“Eat More Protein To Lose Weight,” Study Says
Including enough protein in our diets, rather than simply cutting calories, is key to preventing excessive consumption of fats and carbohydrates, says a new study.
AsianScientist (Oct. 19, 2011) – A multi-disciplinary team of researchers has shown that people on a ten percent protein diet will eat more snacks between meals and consume significantly more calories in total compared with people on a 15 percent protein diet.

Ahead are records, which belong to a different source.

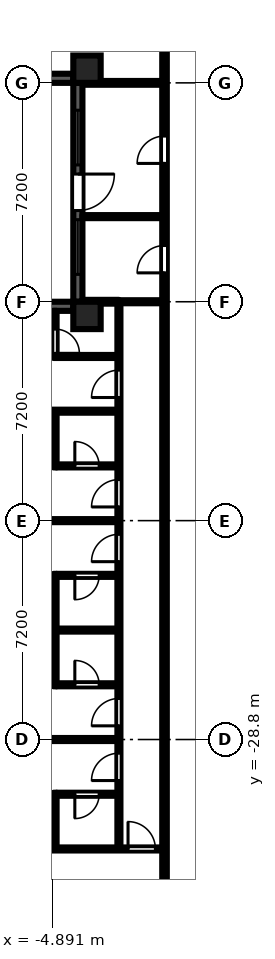
"""IFC4 building model, lengths in metres.
Left out: names, types, materials, properties, quantities, classifications, styles, units other than length and angle.
Written with IfcOpenShell. Run it as: python <this file> out.ifc"""

import sys

from ifc_helpers import new_model, si_unit, direction, frame, frame_2d, origin, origin_2d, place, context, subcontext, project, spatial, rectangle, extrude, element, fill, save


model = new_model("IFC4")
c1 = context("Model", 3, precision=1e-05, world=origin(), true_north=direction((0.0, 1.0)))
c2 = subcontext(c1, "Body", "Model", "MODEL_VIEW")
j1 = project(units=[si_unit("LENGTHUNIT", "METRE"), si_unit("PLANEANGLEUNIT", "RADIAN")], contexts=[c1])
p1 = place(None, origin())
s1 = spatial("IfcSite", under=j1, at=p1, CompositionType="ELEMENT")
p2 = place(p1, origin())
s2 = spatial("IfcBuilding", under=s1, at=p2, CompositionType="ELEMENT")
p3 = place(p2, frame((0.0, 0.0, 66.9)))
s3 = spatial("IfcBuildingStorey", under=s2, at=p3, CompositionType="ELEMENT", Elevation=66.9)
for number, where, z_axis, x_axis in (
    (1, (-3.75, -14.85, 0.0), (0.0, 0.0, 1.0), (1.0, 0.0, 0.0)),
    (2, (-3.75, -6.75, 0.0), (0.0, 0.0, 1.0), (1.0, 0.0, 0.0)),
):
    element("IfcColumn", number, at=place(p3, frame(where, z_axis=z_axis, x_axis=x_axis)), inside=s3, PredefinedType="COLUMN", context=c2, shape_type="SweptSolid", body=[
        extrude(rectangle(XDim=0.9, YDim=0.9, at=origin_2d()), origin(), (0.0, 0.0, 1.0), 3.0),
    ])
p4 = place(p3, frame((-7.2, -7.05, 0.0), z_axis=(0.0, 0.0, 1.0), x_axis=(1.0, 0.0, 0.0)))
e3 = element("IfcWall", 3, at=p4, inside=s3, PredefinedType="SOLIDWALL", context=c2, shape_type="SweptSolid", body=[
    extrude(rectangle(XDim=3.0, YDim=0.3, at=frame_2d((1.5, 0.0))), origin(), (0.0, 0.0, 1.0), 2.1),
])
p5 = place(p3, frame((-4.05, -7.2, 0.0), z_axis=(0.0, 0.0, 1.0), x_axis=(0.0, -1.0, 0.0)))
e4 = element("IfcWall", 4, at=p5, inside=s3, PredefinedType="SOLIDWALL", context=c2, shape_type="SweptSolid", body=[
    extrude(rectangle(XDim=7.2, YDim=0.3, at=frame_2d((3.6, 0.0))), origin(), (0.0, 0.0, 1.0), 2.1),
])
p6 = place(p5, frame((3.0, 0.0, 0.0)))
e5 = element("IfcOpeningElement", 5, at=p6, cuts=e4, PredefinedType="OPENING", context=c2, shape_type="SweptSolid", body=[
    extrude(rectangle(XDim=1.2, YDim=2.05, at=frame_2d((0.6, 1.025))), frame((0.0, 0.16, 0.0), z_axis=(0.0, -1.0, 0.0), x_axis=(1.0, 0.0, 0.0)), (0.0, 0.0, 1.0), 0.32),
])
p7 = place(p5, frame((0.9, 0.0, 0.2)))
e6 = element("IfcOpeningElement", 6, at=p7, cuts=e4, PredefinedType="OPENING", context=c2, shape_type="SweptSolid", body=[
    extrude(rectangle(XDim=1.8, YDim=1.85, at=frame_2d((0.9, 0.925))), frame((0.0, 0.16, 0.0), z_axis=(0.0, -1.0, 0.0), x_axis=(1.0, 0.0, 0.0)), (0.0, 0.0, 1.0), 0.32),
])
p8 = place(p5, frame((4.5, 0.0, 0.2)))
e7 = element("IfcOpeningElement", 7, at=p8, cuts=e4, PredefinedType="OPENING", context=c2, shape_type="SweptSolid", body=[
    extrude(rectangle(XDim=1.8, YDim=1.85, at=frame_2d((0.9, 0.925))), frame((0.0, 0.16, 0.0), z_axis=(0.0, -1.0, 0.0), x_axis=(1.0, 0.0, 0.0)), (0.0, 0.0, 1.0), 0.32),
])
p9 = place(p3, frame((-4.2, -14.55, 0.0), z_axis=(0.0, 0.0, 1.0), x_axis=(-1.0, 0.0, 0.0)))
e8 = element("IfcWall", 8, at=p9, inside=s3, PredefinedType="SOLIDWALL", context=c2, shape_type="SweptSolid", body=[
    extrude(rectangle(XDim=2.1, YDim=0.3, at=frame_2d((1.05, 0.0))), origin(), (0.0, 0.0, 1.0), 2.1),
])
p10 = place(p3, frame((-6.9, -32.4, 0.0), z_axis=(0.0, 0.0, 1.0), x_axis=(1.0, 0.0, 0.0)))
e9 = element("IfcWall", 9, at=p10, inside=s3, PredefinedType="PARTITIONING", context=c2, shape_type="SweptSolid", body=[
    extrude(rectangle(XDim=5.625, YDim=0.1, at=frame_2d((2.812, 0.0))), origin(), (0.0, 0.0, 1.0), 2.575),
])
p11 = place(p10, frame((4.5, 0.0, 0.0)))
e10 = element("IfcOpeningElement", 10, at=p11, cuts=e9, PredefinedType="OPENING", context=c2, shape_type="SweptSolid", body=[
    extrude(rectangle(XDim=0.9, YDim=2.1, at=frame_2d((0.45, 1.05))), frame((0.0, 0.06, 0.0), z_axis=(0.0, -1.0, 0.0), x_axis=(1.0, 0.0, 0.0)), (0.0, 0.0, 1.0), 0.12),
])
for number, where, z_axis, x_axis in (
    (11, (-6.9, -28.8, 0.0), (0.0, 0.0, 1.0), (1.0, 0.0, 0.0)),
    (12, (-6.9, -25.2, 0.0), (0.0, 0.0, 1.0), (1.0, 0.0, 0.0)),
    (13, (-6.9, -21.6, 0.0), (0.0, 0.0, 1.0), (1.0, 0.0, 0.0)),
    (14, (-6.9, -18.0, 0.0), (0.0, 0.0, 1.0), (1.0, 0.0, 0.0)),
):
    element("IfcWall", number, at=place(p3, frame(where, z_axis=z_axis, x_axis=x_axis)), inside=s3, PredefinedType="PARTITIONING", context=c2, shape_type="SweptSolid", body=[
        extrude(rectangle(XDim=4.15, YDim=0.1, at=frame_2d((2.075, 0.0))), origin(), (0.0, 0.0, 1.0), 2.575),
    ])
p12 = place(p3, frame((-4.8, -32.35, 0.0), z_axis=(0.0, 0.0, 1.0), x_axis=(0.0, 1.0, 0.0)))
e15 = element("IfcWall", 15, at=p12, inside=s3, PredefinedType="PARTITIONING", context=c2, shape_type="SweptSolid", body=[
    extrude(rectangle(XDim=1.8, YDim=0.1, at=frame_2d((0.9, 0.0))), origin(), (0.0, 0.0, 1.0), 2.575),
])
p13 = place(p3, frame((-4.75, -30.6, 0.0), z_axis=(0.0, 0.0, 1.0), x_axis=(1.0, 0.0, 0.0)))
e16 = element("IfcWall", 16, at=p13, inside=s3, PredefinedType="PARTITIONING", context=c2, shape_type="SweptSolid", body=[
    extrude(rectangle(XDim=2.0, YDim=0.1, at=frame_2d((1.0, 0.0))), origin(), (0.0, 0.0, 1.0), 2.575),
])
p14 = place(p13, frame((0.6, 0.0, 0.0)))
e17 = element("IfcOpeningElement", 17, at=p14, cuts=e16, PredefinedType="OPENING", context=c2, shape_type="SweptSolid", body=[
    extrude(rectangle(XDim=0.8, YDim=2.1, at=frame_2d((0.4, 1.05))), frame((0.0, 0.06, 0.0), z_axis=(0.0, -1.0, 0.0), x_axis=(1.0, 0.0, 0.0)), (0.0, 0.0, 1.0), 0.12),
])
p15 = place(p3, frame((-4.8, -27.05, 0.0), z_axis=(0.0, 0.0, 1.0), x_axis=(0.0, 1.0, 0.0)))
e18 = element("IfcWall", 18, at=p15, inside=s3, PredefinedType="PARTITIONING", context=c2, shape_type="SweptSolid", body=[
    extrude(rectangle(XDim=3.7, YDim=0.1, at=frame_2d((1.85, 0.0))), origin(), (0.0, 0.0, 1.0), 2.575),
])
p16 = place(p3, frame((-4.75, -27.0, 0.0), z_axis=(0.0, 0.0, 1.0), x_axis=(1.0, 0.0, 0.0)))
e19 = element("IfcWall", 19, at=p16, inside=s3, PredefinedType="PARTITIONING", context=c2, shape_type="SweptSolid", body=[
    extrude(rectangle(XDim=2.0, YDim=0.1, at=frame_2d((1.0, 0.0))), origin(), (0.0, 0.0, 1.0), 2.575),
])
p17 = place(p16, frame((0.6, 0.0, 0.0)))
e20 = element("IfcOpeningElement", 20, at=p17, cuts=e19, PredefinedType="OPENING", context=c2, shape_type="SweptSolid", body=[
    extrude(rectangle(XDim=0.8, YDim=2.1, at=frame_2d((0.4, 1.05))), frame((0.0, 0.06, 0.0), z_axis=(0.0, -1.0, 0.0), x_axis=(1.0, 0.0, 0.0)), (0.0, 0.0, 1.0), 0.12),
])
p18 = place(p3, frame((-4.75, -23.4, 0.0), z_axis=(0.0, 0.0, 1.0), x_axis=(1.0, 0.0, 0.0)))
e21 = element("IfcWall", 21, at=p18, inside=s3, PredefinedType="PARTITIONING", context=c2, shape_type="SweptSolid", body=[
    extrude(rectangle(XDim=2.0, YDim=0.1, at=frame_2d((1.0, 0.0))), origin(), (0.0, 0.0, 1.0), 2.575),
])
p19 = place(p18, frame((0.6, 0.0, 0.0)))
e22 = element("IfcOpeningElement", 22, at=p19, cuts=e21, PredefinedType="OPENING", context=c2, shape_type="SweptSolid", body=[
    extrude(rectangle(XDim=0.8, YDim=2.1, at=frame_2d((0.4, 1.05))), frame((0.0, 0.06, 0.0), z_axis=(0.0, -1.0, 0.0), x_axis=(1.0, 0.0, 0.0)), (0.0, 0.0, 1.0), 0.12),
])
p20 = place(p3, frame((-4.8, -19.85, 0.0), z_axis=(0.0, 0.0, 1.0), x_axis=(0.0, 1.0, 0.0)))
e23 = element("IfcWall", 23, at=p20, inside=s3, PredefinedType="PARTITIONING", context=c2, shape_type="SweptSolid", body=[
    extrude(rectangle(XDim=1.8, YDim=0.1, at=frame_2d((0.9, 0.0))), origin(), (0.0, 0.0, 1.0), 2.575),
])
p21 = place(p3, frame((-4.75, -19.8, 0.0), z_axis=(0.0, 0.0, 1.0), x_axis=(1.0, 0.0, 0.0)))
e24 = element("IfcWall", 24, at=p21, inside=s3, PredefinedType="PARTITIONING", context=c2, shape_type="SweptSolid", body=[
    extrude(rectangle(XDim=2.0, YDim=0.1, at=frame_2d((1.0, 0.0))), origin(), (0.0, 0.0, 1.0), 2.575),
])
p22 = place(p21, frame((0.6, 0.0, 0.0)))
e25 = element("IfcOpeningElement", 25, at=p22, cuts=e24, PredefinedType="OPENING", context=c2, shape_type="SweptSolid", body=[
    extrude(rectangle(XDim=0.8, YDim=2.1, at=frame_2d((0.4, 1.05))), frame((0.0, 0.06, 0.0), z_axis=(0.0, -1.0, 0.0), x_axis=(1.0, 0.0, 0.0)), (0.0, 0.0, 1.0), 0.12),
])
p23 = place(p3, frame((-4.8, -16.25, 0.0), z_axis=(0.0, 0.0, 1.0), x_axis=(0.0, 1.0, 0.0)))
e26 = element("IfcWall", 26, at=p23, inside=s3, PredefinedType="PARTITIONING", context=c2, shape_type="SweptSolid", body=[
    extrude(rectangle(XDim=1.55, YDim=0.1, at=frame_2d((0.775, 0.0))), origin(), (0.0, 0.0, 1.0), 2.575),
])
p24 = place(p23, frame((0.15, 0.0, 0.0)))
e27 = element("IfcOpeningElement", 27, at=p24, cuts=e26, PredefinedType="OPENING", context=c2, shape_type="SweptSolid", body=[
    extrude(rectangle(XDim=0.8, YDim=2.1, at=frame_2d((0.4, 1.05))), frame((0.0, 0.06, 0.0), z_axis=(0.0, -1.0, 0.0), x_axis=(1.0, 0.0, 0.0)), (0.0, 0.0, 1.0), 0.12),
])
p25 = place(p3, frame((-4.75, -16.2, 0.0), z_axis=(0.0, 0.0, 1.0), x_axis=(1.0, 0.0, 0.0)))
e28 = element("IfcWall", 28, at=p25, inside=s3, PredefinedType="PARTITIONING", context=c2, shape_type="SweptSolid", body=[
    extrude(rectangle(XDim=2.0, YDim=0.1, at=frame_2d((1.0, 0.0))), origin(), (0.0, 0.0, 1.0), 2.575),
])
p26 = place(p3, frame((-3.9, -14.4, 0.0), z_axis=(0.0, 0.0, 1.0), x_axis=(1.0, 0.0, 0.0)))
e29 = element("IfcWall", 29, at=p26, inside=s3, PredefinedType="PARTITIONING", context=c2, shape_type="SweptSolid", body=[
    extrude(rectangle(XDim=1.2, YDim=0.125, at=frame_2d((0.6, 0.0))), origin(), (0.0, 0.0, 1.0), 2.575),
])
p27 = place(p3, frame((-3.9, -11.6, 0.0), z_axis=(0.0, 0.0, 1.0), x_axis=(1.0, 0.0, 0.0)))
e30 = element("IfcWall", 30, at=p27, inside=s3, PredefinedType="PARTITIONING", context=c2, shape_type="SweptSolid", body=[
    extrude(rectangle(XDim=2.625, YDim=0.1, at=frame_2d((1.312, 0.0))), origin(), (0.0, 0.0, 1.0), 2.575),
])
p28 = place(p3, frame((-3.9, -7.2, 0.0), z_axis=(0.0, 0.0, 1.0), x_axis=(1.0, 0.0, 0.0)))
e31 = element("IfcWall", 31, at=p28, inside=s3, PredefinedType="PARTITIONING", context=c2, shape_type="SweptSolid", body=[
    extrude(rectangle(XDim=2.625, YDim=0.125, at=frame_2d((1.312, 0.0))), origin(), (0.0, 0.0, 1.0), 2.575),
])
p29 = place(p3, frame((-2.7, -32.35, 0.0), z_axis=(0.0, 0.0, 1.0), x_axis=(0.0, 1.0, 0.0)))
e32 = element("IfcWall", 32, at=p29, inside=s3, PredefinedType="PARTITIONING", context=c2, shape_type="SweptSolid", body=[
    extrude(rectangle(XDim=17.888, YDim=0.1, at=frame_2d((8.944, 0.0))), origin(), (0.0, 0.0, 1.0), 2.575),
])
p30 = place(p29, frame((2.2, 0.0, 0.0)))
e33 = element("IfcOpeningElement", 33, at=p30, cuts=e32, PredefinedType="OPENING", context=c2, shape_type="SweptSolid", body=[
    extrude(rectangle(XDim=0.9, YDim=2.1, at=frame_2d((0.45, 1.05))), frame((0.0, 0.06, 0.0), z_axis=(0.0, -1.0, 0.0), x_axis=(1.0, 0.0, 0.0)), (0.0, 0.0, 1.0), 0.12),
])
p31 = place(p29, frame((4.0, 0.0, 0.0)))
e34 = element("IfcOpeningElement", 34, at=p31, cuts=e32, PredefinedType="OPENING", context=c2, shape_type="SweptSolid", body=[
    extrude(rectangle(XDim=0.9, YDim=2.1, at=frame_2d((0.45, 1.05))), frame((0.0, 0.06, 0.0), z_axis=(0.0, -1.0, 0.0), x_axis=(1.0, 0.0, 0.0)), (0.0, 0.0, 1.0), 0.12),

The results, published in the online journal PLoS ONE, represent the first scientifically supported evidence that dietary protein plays an important role in appetite and total food consumption in humans, and are an important step in addressing the global obesity epidemic.
“Humans have a particularly strong appetite for protein, and when the proportion of protein in the diet is low this appetite can drive excess energy intake,” said lead author Dr. Alison Gosby from the University of Sydney.
The ‘protein-leverage’ hypothesis, first proposed by Professor Steve Simpson and co-author David Raubenheimer, proposes that animals have a fixed protein target, which they will defend at the expense of other nutrients.
“Our previous work on slime molds, insects, fish, birds, rodents, mink, cats and monkeys has shown that animals have separate appetites for protein, fat and carbohydrate. Interestingly, if protein in the diet is diluted, even by a small amount by extra fat and carbohydrate, the appetite for protein dominates and they will keep eating in an attempt to attain their target level of protein,” Prof. Simpson said.
Although it has previously been suggested that protein content plays an important role in determining overall energy intake in humans, and is therefore linked to obesity, until now experimental verification has been lacking.
In their new study, the researchers created three menus that represented low (10 percent), intermediate (15 percent) and high (25 percent) protein, based on data from the World Health Organization recommending people eat 15 percent protein diets.
The researchers then took a group of 22 lean people and fed each subject each of the three menus during three separate four-day periods, monitoring energy intake over each four-day period and hunger ratings on day four.
The researchers found subjects who ate a 10 percent protein diet consumed 12 percent more energy over four days than those eating a 15 percent protein diet. Moreover, 70 percent of the increased energy intake on the lower protein diet was attributed to snacking.
When the protein content was further increased to 25 percent, however, the researchers observed no change in behavior relative to the 15 percent protein diet. On the fourth day of the trial, however, there was a greater increase in the hunger score between one to two hours after the 10 percent protein breakfast versus the 25 percent protein breakfast.
“Our results indicate low protein diets will cause humans to overeat. Tragically in the modern westernized environment there are many factors encouraging us to eat foods that are high in sugars and fat, including reduced cost and increased availability of these foods,” Dr. Gosby said.
The article can be found at: Gosby AK et al. (2011) Testing Protein Leverage in Lean Humans: A Randomised Controlled Experimental Study.